There is plenty of proof of this perfectionist quality in Bird's discography. Take, for example, the tendency to include retooled versions of tracks from previous albums on his releases. "Imitosis" from Apocrypha is a fleshed out (in both arrangement and theme) reincarnation of Weather Systems' (2003) single-minded "I," just as "Skin Is, My" from Eggs is his second stab at the instrumental "Skin," also from Systems. These aren't remixes or Part II's, but neither are fully re-imagined. This is Bird fine tuning.

It's true that Armchair Apocrypha does not have an answer for "Fake Palindromes," but, it's fair to assume that Bird will be chasing the ghost of that whimsical little scorcher for the rest of his career. He has moved incrementally from the claustrophobic jazz dive fare of Thrills (1998) to this denser and more fully realized song set. True, the step between Apocrypha and Eggs is not as dramatic and defined as some of the others have been (like the step from Oh, The Granduer [1999] to The Swimming Hour [2001], for instance) but the sense of forward momentum presented here makes the progression apparent as it never quite has been before.
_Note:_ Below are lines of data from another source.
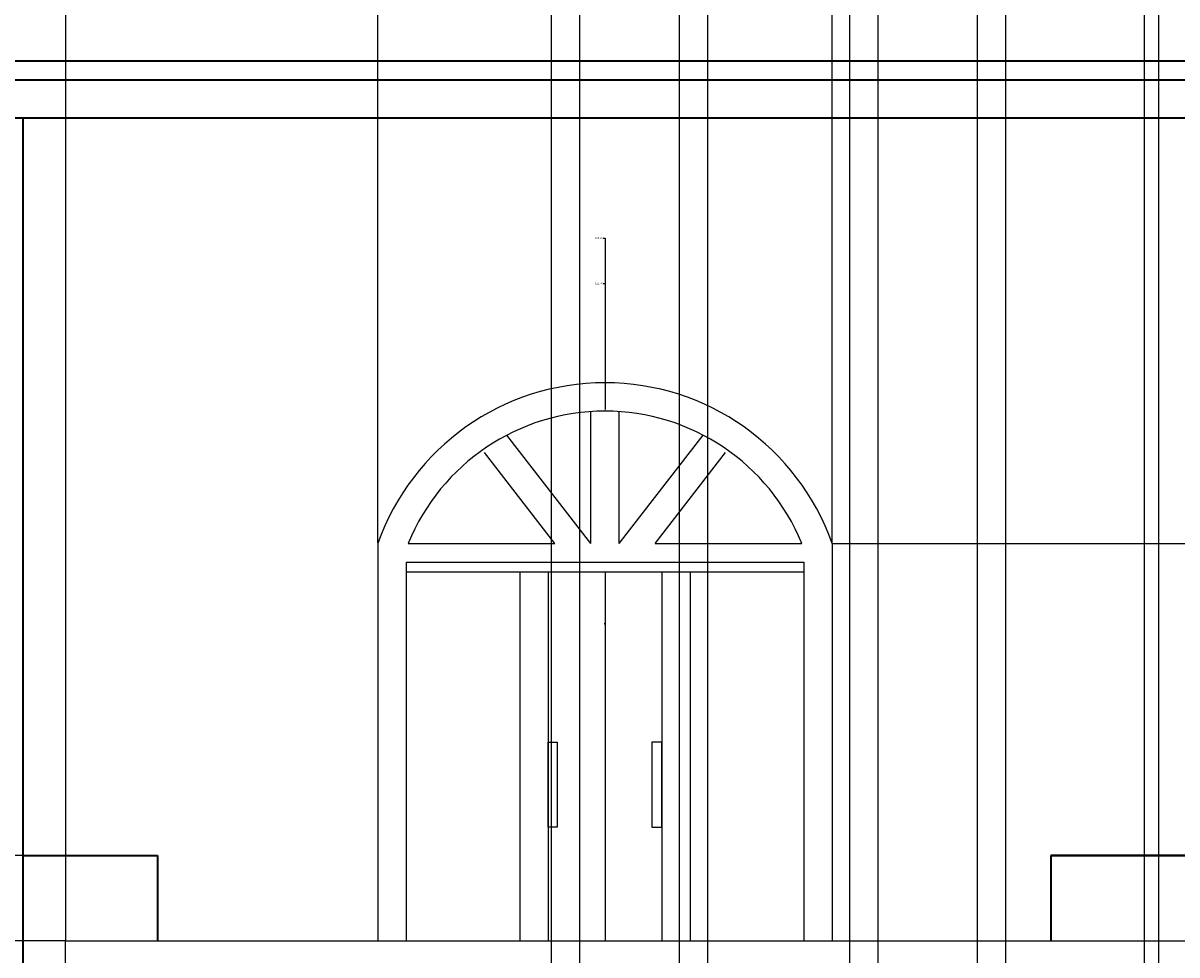
# Model space of a CAD drawing. Units: inches. Extents: x 2612 to 2948, y 481 to 865.
# Tile 3 of 7: x 2708 to 2830, y 561 to 659. Entities that reach past the tile are written whole.
import ezdxf

# ---------------------------------------------------------------- set-up
doc = ezdxf.new("R2010")
doc.units = ezdxf.units.IN
for name, color, linetype, lineweight in [('A-ANNO-DIMS', 2, 'Continuous', 18), ('A-DOOR', 4, 'Continuous', 25), ('A-ELEV', 7, 'Continuous', 35)]:
    doc.layers.add(name, color=color, linetype=linetype, lineweight=lineweight)
doc.styles.get("Standard").update_dxf_attribs({"font": 'arial.ttf'})
doc.dimstyles.get("Standard").update_dxf_attribs({"dimtxt": 0.18, "dimasz": 0.18, "dimexe": 0.18, "dimexo": 0.0625, "dimgap": 0.09, "dimtad": 0, "dimtih": 1, "dimtoh": 1, "dimdec": 4, "dimzin": 0, "dimdsep": 46, "dimtxsty": 'Standard', "dimcen": 0.09, "dimadec": 0, "dimazin": 0, "dimtfac": 1, "dimtdec": 4, "dimtofl": 0, "dimtmove": 0, "dimatfit": 3, "dimfxl": 1, "dimtolj": 1, "dimtzin": 0, "dimarcsym": 0})

# ---------------------------------------------------------------- blocks, each defined once
blk = doc.blocks.new('*D22')
at = {"layer": 'A-ANNO-DIMS', "color": 0, "lineweight": -2, "transparency": 16777216}
for p, q in [((2708.31, 648.98), (2708.31, 481.26)), ((2831.31, 570.98), (2831.31, 481.26)), ((2708.49, 481.44), (2769.53, 481.44)), ((2831.13, 481.44), (2770.09, 481.44))]:
    blk.add_line(p, q, dxfattribs=at)
at = {"layer": 'A-ANNO-DIMS', "color": 0, "transparency": 16777216}
for points in [[(2708.49, 481.47), (2708.49, 481.41), (2708.31, 481.44)], [(2831.13, 481.47), (2831.13, 481.41), (2831.31, 481.44)]]:
    blk.add_solid(points, dxfattribs=at)
at = {"layer": 'Defpoints', "color": 0, "transparency": 16777216}
for p in [(2708.31, 649.04), (2831.31, 571.04), (2831.31, 481.44)]:
    blk.add_point(p, dxfattribs=at)
at = {"layer": 'A-ANNO-DIMS', "color": 0, "transparency": 16777216, "insert": (2769.81, 481.44), "char_height": 0.18, "attachment_point": 5}
blk.add_mtext('\\A1;123', dxfattribs=at)
blk = doc.blocks.new('*D49')
at = {"layer": 'A-ANNO-DIMS', "color": 0, "lineweight": -2, "transparency": 16777216}
for p, q in [((2712.81, 562.11), (2712.81, 864.82)), ((2712.99, 864.64), (2729.09, 864.64)), ((2745.63, 864.64), (2729.53, 864.64)), ((2745.81, 604.11), (2745.81, 864.82))]:
    blk.add_line(p, q, dxfattribs=at)
at = {"layer": 'A-ANNO-DIMS', "color": 0, "transparency": 16777216}
for points in [[(2712.99, 864.67), (2712.99, 864.61), (2712.81, 864.64)], [(2745.63, 864.67), (2745.63, 864.61), (2745.81, 864.64)]]:
    blk.add_solid(points, dxfattribs=at)
at = {"layer": 'Defpoints', "color": 0, "transparency": 16777216}
for p in [(2745.81, 864.64), (2745.81, 604.04), (2712.81, 562.04)]:
    blk.add_point(p, dxfattribs=at)
at = {"layer": 'A-ANNO-DIMS', "color": 0, "transparency": 16777216, "insert": (2729.31, 864.64), "char_height": 0.18, "attachment_point": 5}
blk.add_mtext('\\A1;33', dxfattribs=at)
blk = doc.blocks.new('*D50')
at = {"layer": 'A-ANNO-DIMS', "color": 0, "lineweight": -2, "transparency": 16777216}
for p, q in [((2745.81, 604.11), (2745.81, 864.82)), ((2745.99, 864.64), (2769.58, 864.64)), ((2793.63, 864.64), (2770.03, 864.64)), ((2793.81, 604.11), (2793.81, 864.82))]:
    blk.add_line(p, q, dxfattribs=at)
at = {"layer": 'A-ANNO-DIMS', "color": 0, "transparency": 16777216}
for points in [[(2745.99, 864.67), (2745.99, 864.61), (2745.81, 864.64)], [(2793.63, 864.67), (2793.63, 864.61), (2793.81, 864.64)]]:
    blk.add_solid(points, dxfattribs=at)
at = {"layer": 'Defpoints', "color": 0, "transparency": 16777216}
for p in [(2793.81, 864.64), (2745.81, 604.04), (2793.81, 604.04)]:
    blk.add_point(p, dxfattribs=at)
at = {"layer": 'A-ANNO-DIMS', "color": 0, "transparency": 16777216, "insert": (2769.81, 864.64), "char_height": 0.18, "attachment_point": 5}
blk.add_mtext('\\A1;48', dxfattribs=at)
blk = doc.blocks.new('*D51')
at = {"layer": 'A-ANNO-DIMS', "color": 0, "lineweight": -2, "transparency": 16777216}
for p, q in [((2793.81, 604.11), (2793.81, 864.82)), ((2793.99, 864.64), (2810.09, 864.64)), ((2826.63, 864.64), (2810.53, 864.64)), ((2826.81, 562.11), (2826.81, 864.82))]:
    blk.add_line(p, q, dxfattribs=at)
at = {"layer": 'A-ANNO-DIMS', "color": 0, "transparency": 16777216}
for points in [[(2793.99, 864.67), (2793.99, 864.61), (2793.81, 864.64)], [(2826.63, 864.67), (2826.63, 864.61), (2826.81, 864.64)]]:
    blk.add_solid(points, dxfattribs=at)
at = {"layer": 'Defpoints', "color": 0, "transparency": 16777216}
for p in [(2826.81, 864.64), (2793.81, 604.04), (2826.81, 562.04)]:
    blk.add_point(p, dxfattribs=at)
at = {"layer": 'A-ANNO-DIMS', "color": 0, "transparency": 16777216, "insert": (2810.31, 864.64), "char_height": 0.18, "attachment_point": 5}
blk.add_mtext('\\A1;33', dxfattribs=at)
blk = doc.blocks.new('*D62')
at = {"layer": 'A-ANNO-DIMS', "color": 0, "lineweight": -2, "transparency": 16777216}
for p, q in [((2712.74, 562.04), (2612.53, 562.04)), ((2612.71, 561.86), (2612.71, 560.73)), ((2612.71, 559.22), (2612.71, 560.36)), ((2715.74, 559.04), (2612.53, 559.04))]:
    blk.add_line(p, q, dxfattribs=at)
at = {"layer": 'A-ANNO-DIMS', "color": 0, "transparency": 16777216}
for points in [[(2612.68, 561.86), (2612.74, 561.86), (2612.71, 562.04)], [(2612.68, 559.22), (2612.74, 559.22), (2612.71, 559.04)]]:
    blk.add_solid(points, dxfattribs=at)
at = {"layer": 'Defpoints', "color": 0, "transparency": 16777216}
for p in [(2612.71, 562.04), (2712.81, 562.04), (2715.81, 559.04)]:
    blk.add_point(p, dxfattribs=at)
at = {"layer": 'A-ANNO-DIMS', "color": 0, "transparency": 16777216, "insert": (2612.71, 560.54), "char_height": 0.18, "attachment_point": 5}
blk.add_mtext('\\A1;3', dxfattribs=at)
blk = doc.blocks.new('*D63')
at = {"layer": 'A-ANNO-DIMS', "color": 0, "lineweight": -2, "transparency": 16777216}
for p, q in [((2722.45, 571.04), (2612.53, 571.04)), ((2612.71, 570.86), (2612.71, 566.73)), ((2612.71, 562.22), (2612.71, 566.36)), ((2712.74, 562.04), (2612.53, 562.04))]:
    blk.add_line(p, q, dxfattribs=at)
at = {"layer": 'A-ANNO-DIMS', "color": 0, "transparency": 16777216}
for points in [[(2612.68, 570.86), (2612.74, 570.86), (2612.71, 571.04)], [(2612.68, 562.22), (2612.74, 562.22), (2612.71, 562.04)]]:
    blk.add_solid(points, dxfattribs=at)
at = {"layer": 'Defpoints', "color": 0, "transparency": 16777216}
for p in [(2612.71, 571.04), (2722.51, 571.04), (2712.81, 562.04)]:
    blk.add_point(p, dxfattribs=at)
at = {"layer": 'A-ANNO-DIMS', "color": 0, "transparency": 16777216, "insert": (2612.71, 566.54), "char_height": 0.18, "attachment_point": 5}
blk.add_mtext('\\A1;9', dxfattribs=at)
blk = doc.blocks.new('*D64')
at = {"layer": 'A-ANNO-DIMS', "color": 0, "lineweight": -2, "transparency": 16777216}
for p, q in [((2826.87, 562.04), (2948.09, 562.04)), ((2947.91, 561.86), (2947.91, 530.73)), ((2947.91, 499.22), (2947.91, 530.36)), ((2826.87, 499.04), (2948.09, 499.04))]:
    blk.add_line(p, q, dxfattribs=at)
at = {"layer": 'A-ANNO-DIMS', "color": 0, "transparency": 16777216}
for points in [[(2947.88, 561.86), (2947.94, 561.86), (2947.91, 562.04)], [(2947.88, 499.22), (2947.94, 499.22), (2947.91, 499.04)]]:
    blk.add_solid(points, dxfattribs=at)
at = {"layer": 'Defpoints', "color": 0, "transparency": 16777216}
for p in [(2826.81, 562.04), (2947.91, 562.04), (2826.81, 499.04)]:
    blk.add_point(p, dxfattribs=at)
at = {"layer": 'A-ANNO-DIMS', "color": 0, "transparency": 16777216, "insert": (2947.91, 530.54), "char_height": 0.18, "attachment_point": 5}
blk.add_mtext('\\A1;63', dxfattribs=at)
blk = doc.blocks.new('*D65')
at = {"layer": 'A-ANNO-DIMS', "color": 0, "lineweight": -2, "transparency": 16777216}
for p, q in [((2793.87, 604.04), (2948.09, 604.04)), ((2947.91, 603.86), (2947.91, 583.22)), ((2947.91, 562.22), (2947.91, 582.86)), ((2793.87, 562.04), (2948.09, 562.04))]:
    blk.add_line(p, q, dxfattribs=at)
at = {"layer": 'A-ANNO-DIMS', "color": 0, "transparency": 16777216}
for points in [[(2947.88, 603.86), (2947.94, 603.86), (2947.91, 604.04)], [(2947.88, 562.22), (2947.94, 562.22), (2947.91, 562.04)]]:
    blk.add_solid(points, dxfattribs=at)
at = {"layer": 'Defpoints', "color": 0, "transparency": 16777216}
for p in [(2793.81, 604.04), (2947.91, 604.04), (2793.81, 562.04)]:
    blk.add_point(p, dxfattribs=at)
at = {"layer": 'A-ANNO-DIMS', "color": 0, "transparency": 16777216, "insert": (2947.91, 583.04), "char_height": 0.18, "attachment_point": 5}
blk.add_mtext('\\A1;42', dxfattribs=at)
blk = doc.blocks.new('*D66')
at = {"layer": 'A-ANNO-DIMS', "color": 0, "lineweight": -2, "transparency": 16777216}
for p, q in [((2767.13, 711.98), (2767.13, 481.26)), ((2764.13, 708.98), (2764.13, 481.26)), ((2764.31, 481.44), (2765.48, 481.44)), ((2766.95, 481.44), (2765.78, 481.44))]:
    blk.add_line(p, q, dxfattribs=at)
at = {"layer": 'A-ANNO-DIMS', "color": 0, "transparency": 16777216}
for points in [[(2764.31, 481.47), (2764.31, 481.41), (2764.13, 481.44)], [(2766.95, 481.47), (2766.95, 481.41), (2767.13, 481.44)]]:
    blk.add_solid(points, dxfattribs=at)
at = {"layer": 'Defpoints', "color": 0, "transparency": 16777216}
for p in [(2767.13, 712.04), (2764.13, 709.04), (2767.13, 481.44)]:
    blk.add_point(p, dxfattribs=at)
at = {"layer": 'A-ANNO-DIMS', "color": 0, "transparency": 16777216, "insert": (2765.63, 481.44), "char_height": 0.18, "attachment_point": 5}
blk.add_mtext('\\A1;3', dxfattribs=at)
blk = doc.blocks.new('*D67')
at = {"layer": 'A-ANNO-DIMS', "color": 0, "lineweight": -2, "transparency": 16777216}
for p, q in [((2767.13, 711.98), (2767.13, 481.26)), ((2777.63, 711.98), (2777.63, 481.26)), ((2767.31, 481.44), (2772.06, 481.44)), ((2777.45, 481.44), (2772.7, 481.44))]:
    blk.add_line(p, q, dxfattribs=at)
at = {"layer": 'A-ANNO-DIMS', "color": 0, "transparency": 16777216}
for points in [[(2767.31, 481.47), (2767.31, 481.41), (2767.13, 481.44)], [(2777.45, 481.47), (2777.45, 481.41), (2777.63, 481.44)]]:
    blk.add_solid(points, dxfattribs=at)
at = {"layer": 'Defpoints', "color": 0, "transparency": 16777216}
for p in [(2767.13, 712.04), (2777.63, 712.04), (2777.63, 481.44)]:
    blk.add_point(p, dxfattribs=at)
at = {"layer": 'A-ANNO-DIMS', "color": 0, "transparency": 16777216, "insert": (2772.38, 481.44), "char_height": 0.18, "attachment_point": 5}
blk.add_mtext('\\A1;10.5', dxfattribs=at)
blk = doc.blocks.new('*D68')
at = {"layer": 'A-ANNO-DIMS', "color": 0, "lineweight": -2, "transparency": 16777216}
for p, q in [((2777.63, 711.98), (2777.63, 481.26)), ((2780.63, 711.98), (2780.63, 481.26)), ((2777.81, 481.44), (2778.98, 481.44)), ((2780.45, 481.44), (2779.28, 481.44))]:
    blk.add_line(p, q, dxfattribs=at)
at = {"layer": 'A-ANNO-DIMS', "color": 0, "transparency": 16777216}
for points in [[(2777.81, 481.47), (2777.81, 481.41), (2777.63, 481.44)], [(2780.45, 481.47), (2780.45, 481.41), (2780.63, 481.44)]]:
    blk.add_solid(points, dxfattribs=at)
at = {"layer": 'Defpoints', "color": 0, "transparency": 16777216}
for p in [(2777.63, 712.04), (2780.63, 712.04), (2780.63, 481.44)]:
    blk.add_point(p, dxfattribs=at)
at = {"layer": 'A-ANNO-DIMS', "color": 0, "transparency": 16777216, "insert": (2779.13, 481.44), "char_height": 0.18, "attachment_point": 5}
blk.add_mtext('\\A1;3', dxfattribs=at)
blk = doc.blocks.new('*D69')
at = {"layer": 'A-ANNO-DIMS', "color": 0, "lineweight": -2, "transparency": 16777216}
for p, q in [((2780.63, 711.98), (2780.63, 481.26)), ((2795.63, 711.98), (2795.63, 481.26)), ((2780.81, 481.44), (2787.92, 481.44)), ((2795.45, 481.44), (2788.34, 481.44))]:
    blk.add_line(p, q, dxfattribs=at)
at = {"layer": 'A-ANNO-DIMS', "color": 0, "transparency": 16777216}
for points in [[(2780.81, 481.47), (2780.81, 481.41), (2780.63, 481.44)], [(2795.45, 481.47), (2795.45, 481.41), (2795.63, 481.44)]]:
    blk.add_solid(points, dxfattribs=at)
at = {"layer": 'Defpoints', "color": 0, "transparency": 16777216}
for p in [(2780.63, 712.04), (2795.63, 712.04), (2795.63, 481.44)]:
    blk.add_point(p, dxfattribs=at)
at = {"layer": 'A-ANNO-DIMS', "color": 0, "transparency": 16777216, "insert": (2788.13, 481.44), "char_height": 0.18, "attachment_point": 5}
blk.add_mtext('\\A1;15', dxfattribs=at)
blk = doc.blocks.new('*D70')
at = {"layer": 'A-ANNO-DIMS', "color": 0, "lineweight": -2, "transparency": 16777216}
for p, q in [((2795.63, 711.98), (2795.63, 481.26)), ((2798.63, 711.98), (2798.63, 481.26)), ((2795.81, 481.44), (2796.98, 481.44)), ((2798.45, 481.44), (2797.28, 481.44))]:
    blk.add_line(p, q, dxfattribs=at)
at = {"layer": 'A-ANNO-DIMS', "color": 0, "transparency": 16777216}
for points in [[(2795.81, 481.47), (2795.81, 481.41), (2795.63, 481.44)], [(2798.45, 481.47), (2798.45, 481.41), (2798.63, 481.44)]]:
    blk.add_solid(points, dxfattribs=at)
at = {"layer": 'Defpoints', "color": 0, "transparency": 16777216}
for p in [(2795.63, 712.04), (2798.63, 712.04), (2798.63, 481.44)]:
    blk.add_point(p, dxfattribs=at)
at = {"layer": 'A-ANNO-DIMS', "color": 0, "transparency": 16777216, "insert": (2797.13, 481.44), "char_height": 0.18, "attachment_point": 5}
blk.add_mtext('\\A1;3', dxfattribs=at)
blk = doc.blocks.new('*D71')
at = {"layer": 'A-ANNO-DIMS', "color": 0, "lineweight": -2, "transparency": 16777216}
for p, q in [((2798.63, 711.98), (2798.63, 481.26)), ((2809.13, 711.98), (2809.13, 481.26)), ((2798.81, 481.44), (2803.56, 481.44)), ((2808.95, 481.44), (2804.2, 481.44))]:
    blk.add_line(p, q, dxfattribs=at)
at = {"layer": 'A-ANNO-DIMS', "color": 0, "transparency": 16777216}
for points in [[(2798.81, 481.47), (2798.81, 481.41), (2798.63, 481.44)], [(2808.95, 481.47), (2808.95, 481.41), (2809.13, 481.44)]]:
    blk.add_solid(points, dxfattribs=at)
at = {"layer": 'Defpoints', "color": 0, "transparency": 16777216}
for p in [(2798.63, 712.04), (2809.13, 712.04), (2809.13, 481.44)]:
    blk.add_point(p, dxfattribs=at)
at = {"layer": 'A-ANNO-DIMS', "color": 0, "transparency": 16777216, "insert": (2803.88, 481.44), "char_height": 0.18, "attachment_point": 5}
blk.add_mtext('\\A1;10.5', dxfattribs=at)
blk = doc.blocks.new('*D72')
at = {"layer": 'A-ANNO-DIMS', "color": 0, "lineweight": -2, "transparency": 16777216}
for p, q in [((2809.13, 711.98), (2809.13, 481.26)), ((2812.13, 708.98), (2812.13, 481.26)), ((2809.31, 481.44), (2810.48, 481.44)), ((2811.95, 481.44), (2810.78, 481.44))]:
    blk.add_line(p, q, dxfattribs=at)
at = {"layer": 'A-ANNO-DIMS', "color": 0, "transparency": 16777216}
for points in [[(2809.31, 481.47), (2809.31, 481.41), (2809.13, 481.44)], [(2811.95, 481.47), (2811.95, 481.41), (2812.13, 481.44)]]:
    blk.add_solid(points, dxfattribs=at)
at = {"layer": 'Defpoints', "color": 0, "transparency": 16777216}
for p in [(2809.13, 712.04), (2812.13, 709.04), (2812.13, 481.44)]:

So what it boils down to is this: Andrew Bird has thrown down his gauntlet brimming with post-structural imagery, swirling entropy, a truly floral arrangement of genre pieces and genre mixing. He has given generous clues as to his meaning, he has brought his songs together into a more closely congealed whole, he has tied this package with the big red bow of his cynicism and placed it at my feet, smirking. And what do I have to say about it?

Me: "It's, uhhh, it's really fucking good."

(shakes fist) That's one for you, Bird. That's one for you.